No Packages marked for removal
So the line “Kernel modules: nvidia, nouveau, nvidiafb” means that the nouveau driver is currently loaded?
txbob’s suggestion was to remove the nouveau driver. Your comment seems to imply that the kernel module is identical to the driver. Is it? Should I also remove the kernel module as well?
The information that this was all working a few weeks ago is new information that I was not aware of at the beginning of the thread.
Redhat can install kernel updates that will break the driver installed via the runfile installation method.
This is usually rectified by re-running the driver installer. Now I’m not sure if you recently installed the driver, or simply did that a few weeks ago and are now discovering that it’s not working.
Also, is this message something that might be causing this problem? (from dmesg)
NVRM: RmInitAdapter failed! (0x30:0xffff:800)
NVRM: rm_init_adapter failed for device bearing minor number 0
NVRM: nvidia_frontend_open: minor 0, module->open() failed, error -5
NVRM: failed to copy vbios to system memory.
I’m pretty much out of ideas. If, by chance, the previous driver install method was not by runfile but instead by the repo method, then that could be an issue.
Somebody having installed CUDA through yum is a possibility, as I’m not the only one with sudo access to the system. (I always use the run file method).
The output for sudo yum list nvidia-* is
Loaded plugins: refresh-packagekit, rhnplugin, security
This system is receiving updates from RHN Classic or RHN Satellite.
Available Packages
nvidia-kmod.x86_64 1:346.46-2.el6 cuda
nvidia-modprobe.x86_64 319.37-1.el6 cuda
nvidia-settings.x86_64 319.37-30.el6 cuda
nvidia-uvm-kmod.x86_64 1:346.46-3.el6 cuda
nvidia-xconfig.x86_64 319.37-27.el6 cuda
Yes, it’s a problem. It did not escape my attention earlier, but for me it merely confirms what we already know: the driver is not running correctly.
The yum list nvidia-* output doesn’t indicate any nvidia modules installed, so it does not appear to me that there is any issue with a previous yum/repo installation.
I would ordinarily assume that if you did a driver install via runfile, that the driver install completed successfully. There would usually be a message to that effect. If it did not complete successfully, there may be useful information in the driver installer log file. That would usually be deposited in:
/var/log/nvidia-installer.log
that file is difficult to parse, but if, for example there were messages in there about “unable to locate kernel headers”, then that would be indicative of a problem that could have been triggered by a redhat update (although it should also have given a clear error message when you ran the driver installer.)

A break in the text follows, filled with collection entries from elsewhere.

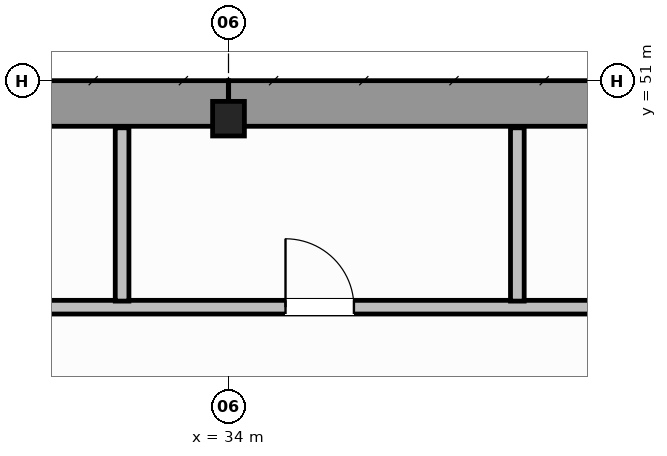
"""IFC4 building model, lengths in metres.
Left out: names, types, materials, properties, quantities, classifications, styles, units other than length and angle.
Written with IfcOpenShell. Run it as: python <this file> out.ifc"""

import sys

from ifc_helpers import new_model, si_unit, direction, frame, frame_2d, origin, origin_2d, place, context, subcontext, project, spatial, rectangle, i_section, extrude, source, transform, mapped, element, fill, save


model = new_model("IFC4")
c1 = context("Model", 3, precision=1e-05, world=origin(), true_north=direction((0.0, 1.0)))
c2 = subcontext(c1, "Body", "Model", "MODEL_VIEW")
j1 = project(units=[si_unit("LENGTHUNIT", "METRE"), si_unit("PLANEANGLEUNIT", "RADIAN")], contexts=[c1])
p1 = place(None, origin())
s1 = spatial("IfcSite", under=j1, at=p1, CompositionType="ELEMENT")
p2 = place(p1, origin())
s2 = spatial("IfcBuilding", under=s1, at=p2, CompositionType="ELEMENT")
p3 = place(p2, frame((0.0, 0.0, 218.4)))
s3 = spatial("IfcBuildingStorey", under=s2, at=p3, CompositionType="ELEMENT", Elevation=218.4)
m1 = source(origin(), c2, "Body", "SweptSolid", [
    extrude(i_section(OverallWidth=0.418, OverallDepth=0.455, WebThickness=0.042, FlangeThickness=0.058, FilletRadius=0.015, at=origin_2d()), origin(), (0.0, 0.0, 1.0), 4.8),
])
p4 = place(p3, frame((34.0, 50.5, 0.0), z_axis=(0.0, 0.0, 1.0), x_axis=(1.0, 0.0, 0.0)))
e1 = element("IfcColumn", 1, at=p4, inside=s3, PredefinedType="COLUMN", context=c2, shape_type="MappedRepresentation", body=[
    mapped(m1, transform((0.0, 0.0, 0.0), scale=1.0)),
])
for number, where, z_axis, x_axis in (
    (2, (14.304, 50.7, 0.0), (0.0, 0.0, 1.0), (1.0, 0.0, 0.0)),
    (3, (34.002, 50.7, 0.0), (0.0, 0.0, 1.0), (1.0, 0.0, 0.0)),
):
    element("IfcWall", number, at=place(p3, frame(where, z_axis=z_axis, x_axis=x_axis)), inside=s3, PredefinedType="SHEAR", context=c2, shape_type="SweptSolid", body=[
        extrude(rectangle(XDim=19.694, YDim=0.6, at=frame_2d((9.847, 0.0))), origin(), (0.0, 0.0, 1.0), 4.8),
    ])
p5 = place(p3, frame((18.62, 48.02, 0.0), z_axis=(0.0, 0.0, 1.0), x_axis=(1.0, 0.0, 0.0)))
e4 = element("IfcWall", 4, at=p5, inside=s3, PredefinedType="PLUMBINGWALL", context=c2, shape_type="SweptSolid", body=[
    extrude(rectangle(XDim=30.76, YDim=0.18, at=frame_2d((15.38, 0.0))), origin(), (0.0, 0.0, 1.0), 4.54),
])
p6 = place(p5, frame((1.655, 0.0, 0.0)))
e5 = element("IfcOpeningElement", 5, at=p6, cuts=e4, PredefinedType="OPENING", context=c2, shape_type="SweptSolid", body=[
    extrude(rectangle(XDim=0.9, YDim=2.15, at=frame_2d((0.45, 1.075))), frame((0.0, 0.1, 0.0), z_axis=(0.0, -1.0, 0.0), x_axis=(1.0, 0.0, 0.0)), (0.0, 0.0, 1.0), 0.2),
])
p7 = place(p5, frame((6.03, 0.0, 0.0)))
e6 = element("IfcOpeningElement", 6, at=p7, cuts=e4, PredefinedType="OPENING", context=c2, shape_type="SweptSolid", body=[
    extrude(rectangle(XDim=0.9, YDim=2.15, at=frame_2d((0.45, 1.075))), frame((0.0, 0.1, 0.0), z_axis=(0.0, -1.0, 0.0), x_axis=(1.0, 0.0, 0.0)), (0.0, 0.0, 1.0), 0.2),
])
p8 = place(p5, frame((10.93, 0.0, 0.0)))
e7 = element("IfcOpeningElement", 7, at=p8, cuts=e4, PredefinedType="OPENING", context=c2, shape_type="SweptSolid", body=[
    extrude(rectangle(XDim=0.9, YDim=2.15, at=frame_2d((0.45, 1.075))), frame((0.0, 0.1, 0.0), z_axis=(0.0, -1.0, 0.0), x_axis=(1.0, 0.0, 0.0)), (0.0, 0.0, 1.0), 0.2),
])
p9 = place(p5, frame((16.13, 0.0, 0.0)))
e8 = element("IfcOpeningElement", 8, at=p9, cuts=e4, PredefinedType="OPENING", context=c2, shape_type="SweptSolid", body=[
    extrude(rectangle(XDim=0.9, YDim=2.15, at=frame_2d((0.45, 1.075))), frame((0.0, 0.1, 0.0), z_axis=(0.0, -1.0, 0.0), x_axis=(1.0, 0.0, 0.0)), (0.0, 0.0, 1.0), 0.2),
])
p10 = place(p5, frame((21.73, 0.0, 0.0)))
e9 = element("IfcOpeningElement", 9, at=p10, cuts=e4, PredefinedType="OPENING", context=c2, shape_type="SweptSolid", body=[
    extrude(rectangle(XDim=0.9, YDim=2.15, at=frame_2d((0.45, 1.075))), frame((0.0, 0.1, 0.0), z_axis=(0.0, -1.0, 0.0), x_axis=(1.0, 0.0, 0.0)), (0.0, 0.0, 1.0), 0.2),
])
p11 = place(p5, frame((27.505, 0.0, 0.0)))
e10 = element("IfcOpeningElement", 10, at=p11, cuts=e4, PredefinedType="OPENING", context=c2, shape_type="SweptSolid", body=[
    extrude(rectangle(XDim=0.9, YDim=2.15, at=frame_2d((0.45, 1.075))), frame((0.0, 0.1, 0.0), z_axis=(0.0, -1.0, 0.0), x_axis=(1.0, 0.0, 0.0)), (0.0, 0.0, 1.0), 0.2),
])
for number, where, z_axis, x_axis in (
    (11, (32.6, 48.1, 0.0), (0.0, 0.0, 1.0), (0.0, 1.0, 0.0)),
    (12, (37.8, 48.1, 0.0), (0.0, 0.0, 1.0), (0.0, 1.0, 0.0)),
):
    element("IfcWall", number, at=place(p3, frame(where, z_axis=z_axis, x_axis=x_axis)), inside=s3, PredefinedType="PLUMBINGWALL", context=c2, shape_type="SweptSolid", body=[
        extrude(rectangle(XDim=2.28, YDim=0.18, at=frame_2d((1.14, 0.0))), origin(), (0.0, 0.0, 1.0), 4.54),
    ])
m2 = source(origin(), c2, "Body", "SweptSolid", [
    extrude(rectangle(XDim=0.9, YDim=2.15, at=frame_2d((0.45, 1.075))), frame((0.0, 0.025, 0.0), z_axis=(0.0, -1.0, 0.0), x_axis=(1.0, 0.0, 0.0)), (0.0, 0.0, 1.0), 0.05),
])
p12 = place(p9, origin())
e13 = element("IfcDoor", 13, at=p12, inside=s3, OperationType="SINGLE_SWING_RIGHT", PredefinedType="DOOR", context=c2, shape_type="MappedRepresentation", body=[
    mapped(m2, transform((0.0, 0.0, 0.0), scale=1.0)),
])
fill(e8, e13)
save(model, sys.argv[1])

For completeness, I don’t believe the reference to nouveau like this:
Kernel driver in use: nvidia
Kernel modules: nvidia, nouveau, nvidiafb
Hi, I realize this thread is three years old now, but I have the exact same problem. For what it is worth, my system was running just fine, when it suddenly crashed and after that has been giving me the saeme problems (RmInitAdapter failure) and GPU not detected by nvidia-smi.
Did anyone found the solution to it?
according to me its not a kernel issue or a driver issue.
I use Linux and windows in dual boot. I got struck by BSOD with a GPU related issue I don’t remember the proper issue and since then my windows didn’t recognize my GPU. But i can still see my GPU in device manager. I tried everything from installing new drivers to the factory drivers then i also made a fresh install of windows. Still no luck then i jumped to linux and still i cant shift to my nvidia GPU. I tried LTS kernel to ZEN kernel still no luck and ofcs latest kernel too. Still no luck i have the same results as the lemonherb had from the commands he mentioned.